By: Matt McDonald, mmcdonald@hamiltonps.com and Brandon Velez, bvelez@hamiltonps.com

Giving a speech is not something most of us do every day, but during this pandemic, someone in your organization may be called upon to deliver a set of prepared remarks, even in a remote setting. Whether you’re communicating positive or negative news to your customers or employees, a speech is a high-stakes form of communication during a crisis. As you prepare remarks, we suggest three guidelines for your approach:

Use Clear And Direct Language

  • Speak to your audience in plain language to avoid confusion, or worse, having your words misconstrued. During a crisis, people do not want to hear jargon or flowery language. They want straight talk.
  • Using language that is not accessible to your entire audience might create the appearance that you are obscuring the details, rather than clarifying them. If your speech is presented in simple and plain language, the more credibility you will build with your audience.

Exercise Transparency

  • If you are a leader of a business or organization, you are likely navigating a moment of volatility and turbulence. There may be a decline in revenue already, or it might be just around the corner. The good news is that everyone else in the organization knows this. Therefore, err on the side of disclosure and give them your honest assessment of where things stand.
  • Outline in detail how the organization is thinking about health and safety of the team, whether that is in a remote context or in an essential workplace. People are scared and want to know that your company cares about their well-being too.

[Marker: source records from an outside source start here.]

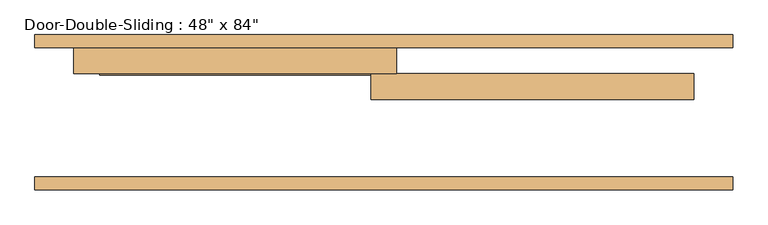
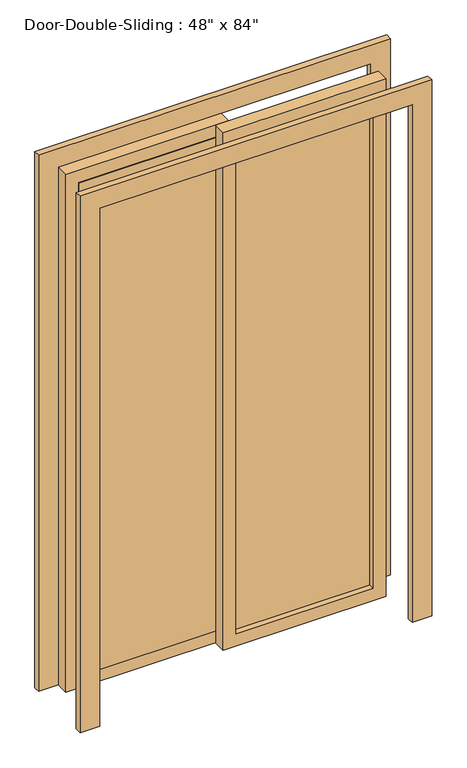
"""IFC4 building model written with IfcOpenShell, lengths in millimetres: door geometry."""

from ifc_helpers import new_model, si_unit, frame, origin, place, context, project, spatial, polyline, outline, extrude, source, transform, mapped, element, save


def door_ae87caab(model_context):
    return source(origin(), model_context, "Body", "SweptSolid", [
        extrude(outline(polyline([(0.0, 685.8), (2209.8, 685.8), (2209.8, -685.8), (0.0, -685.8), (0.0, -609.6), (2133.6, -609.6), (2133.6, 609.6), (0.0, 609.6), (0.0, 685.8)])), frame((0.0, 254.0, 0.0), z_axis=(0.0, 1.0, 0.0), x_axis=(0.0, 0.0, 1.0)), (0.0, 0.0, 1.0), 25.4),
        extrude(outline(polyline([(0.0, -685.8), (0.0, -609.6), (2133.6, -609.6), (2133.6, 609.6), (0.0, 609.6), (0.0, 685.8), (2209.8, 685.8), (2209.8, -685.8), (0.0, -685.8)])), frame((0.0, -25.4, 0.0), z_axis=(0.0, 1.0, 0.0), x_axis=(0.0, 0.0, 1.0)), (0.0, 0.0, 1.0), 25.4),
        extrude(outline(polyline([(2133.6, 25.4), (2133.6, -609.6), (0.0, -609.6), (0.0, 25.4), (2133.6, 25.4)]), holes=[polyline([(2082.8, -25.4), (50.8, -25.4), (50.8, -558.8), (2082.8, -558.8), (2082.8, -25.4)])]), frame((0.0, 203.2, 0.0), z_axis=(0.0, 1.0, 0.0), x_axis=(0.0, 0.0, 1.0)), (0.0, 0.0, 1.0), 50.8),
        extrude(outline(polyline([(2133.6, -25.4), (0.0, -25.4), (0.0, 609.6), (2133.6, 609.6), (2133.6, -25.4)]), holes=[polyline([(2082.8, 25.4), (2082.8, 558.8), (50.8, 558.8), (50.8, 25.4), (2082.8, 25.4)])]), frame((0.0, 152.4, 0.0), z_axis=(0.0, 1.0, 0.0), x_axis=(0.0, 0.0, 1.0)), (0.0, 0.0, 1.0), 50.8),
        extrude(outline(polyline([(-25.4, 200.025), (-558.8, 200.025), (-558.8, 206.375), (-25.4, 206.375), (-25.4, 200.025)])), frame((0.0, 0.0, 50.8), z_axis=(0.0, 0.0, 1.0), x_axis=(1.0, 0.0, 0.0)), (0.0, 0.0, 1.0), 2032.0),
        extrude(outline(polyline([(25.4, 180.975), (558.8, 180.975), (558.8, 174.625), (25.4, 174.625), (25.4, 180.975)])), frame((0.0, 0.0, 50.8), z_axis=(0.0, 0.0, 1.0), x_axis=(1.0, 0.0, 0.0)), (0.0, 0.0, 1.0), 2032.0),
    ])


if __name__ == "__main__":
    model = new_model("IFC4")
    model_context = context("Model", 3, world=origin())
    ifc_project = project(units=[si_unit("LENGTHUNIT", "METRE", prefix="MILLI")], contexts=[model_context])
    site = spatial("IfcSite", under=ifc_project)
    building = spatial("IfcBuilding", under=site)
    placement = place(None, origin())
    door_shape = door_ae87caab(model_context)
    element("IfcDoor", 1, ObjectType="Door-Double-Sliding : 48\" x 84\"", at=placement, inside=building, context=model_context, shape_type="MappedRepresentation", body=[
        mapped(door_shape, transform((0.0, 0.0, 0.0), x_axis=(1.0, 0.0, 0.0), y_axis=(0.0, 1.0, 0.0), z_axis=(0.0, 0.0, 1.0))),
    ])
    save(model, "model.ifc")

# Revit data of these elements
# Type "Door-Double-Sliding : 48\" x 84\""
#   Type Mark = "11"
#   Construction Type Id = "opn-d45"
#   Assembly Code = "C1020"
#   Analytic Construction = "Wood frame, double glass door "
#   Thickness = 0' - 2"
#   Thermal Resistance (R) = 1.8150 (h·ft²·°F)/BTU
#   Heat Transfer Coefficient (U) = 0.5510 BTU/(h·ft²·°F)
#   Height = 7' - 0"
#   Rail Width = 0' - 2"
#   Stiles = 0' - 2"
#   Trim Projection Ext = 0' - 1"
#   Trim Projection Int = 0' - 1"
#   Trim Width = 0' - 3"
#   Width = 4' - 0"
#   Define Thermal Properties by = 1
#   Glazing = Glass
#   Panel Material = Wood - Birch - Solid Stained Light Low Gloss
#   Trim Material = Paint - Sienna
#   Visual Light Transmittance = 0
#   Solar Heat Gain Coefficient = 0
#   Function = (empty or 0)
#   Wall Closure = (empty or 0)
# Element 1 (IfcDoor, "Door-Double-Sliding : 48\" x 84\"")
#   Materials on its faces: "Paint - Sienna", "Wood - Birch - Solid Stained Light Low Gloss", "Glass"
# Materials
#   "Glass": class "Glass", colour RGB 0 128 192, transparency 0.75, Description = "Soda Lime Glass", Cost = 0
#   "Wood - Birch - Solid Stained Light Low Gloss": class "Wood", colour RGB 210 159 95, transparency 0, Cost = 0
#   "Paint - Sienna": colour RGB 118 70 51, transparency 0, Cost = 0

Practice Empathy And Offer Hope

  • When you are drafting remarks, assume that someone who will hear your speech has lost a loved one to coronavirus. Read and edit with that lens in mind.
  • As quarantine life extends and the economy buckles, people are feeling discouraged about the prospects of the future – and rightfully so. As a leader addressing your audience, it’s important to incorporate a message of hope throughout your remarks to remind people that this crisis will end.

Public speaking under these circumstances is not easy. However, people will look back on this crisis and judge the words of leaders all around them. Those that will be remembered as rising to the occasion are the ones who offer clarity, honesty, and hope for the future.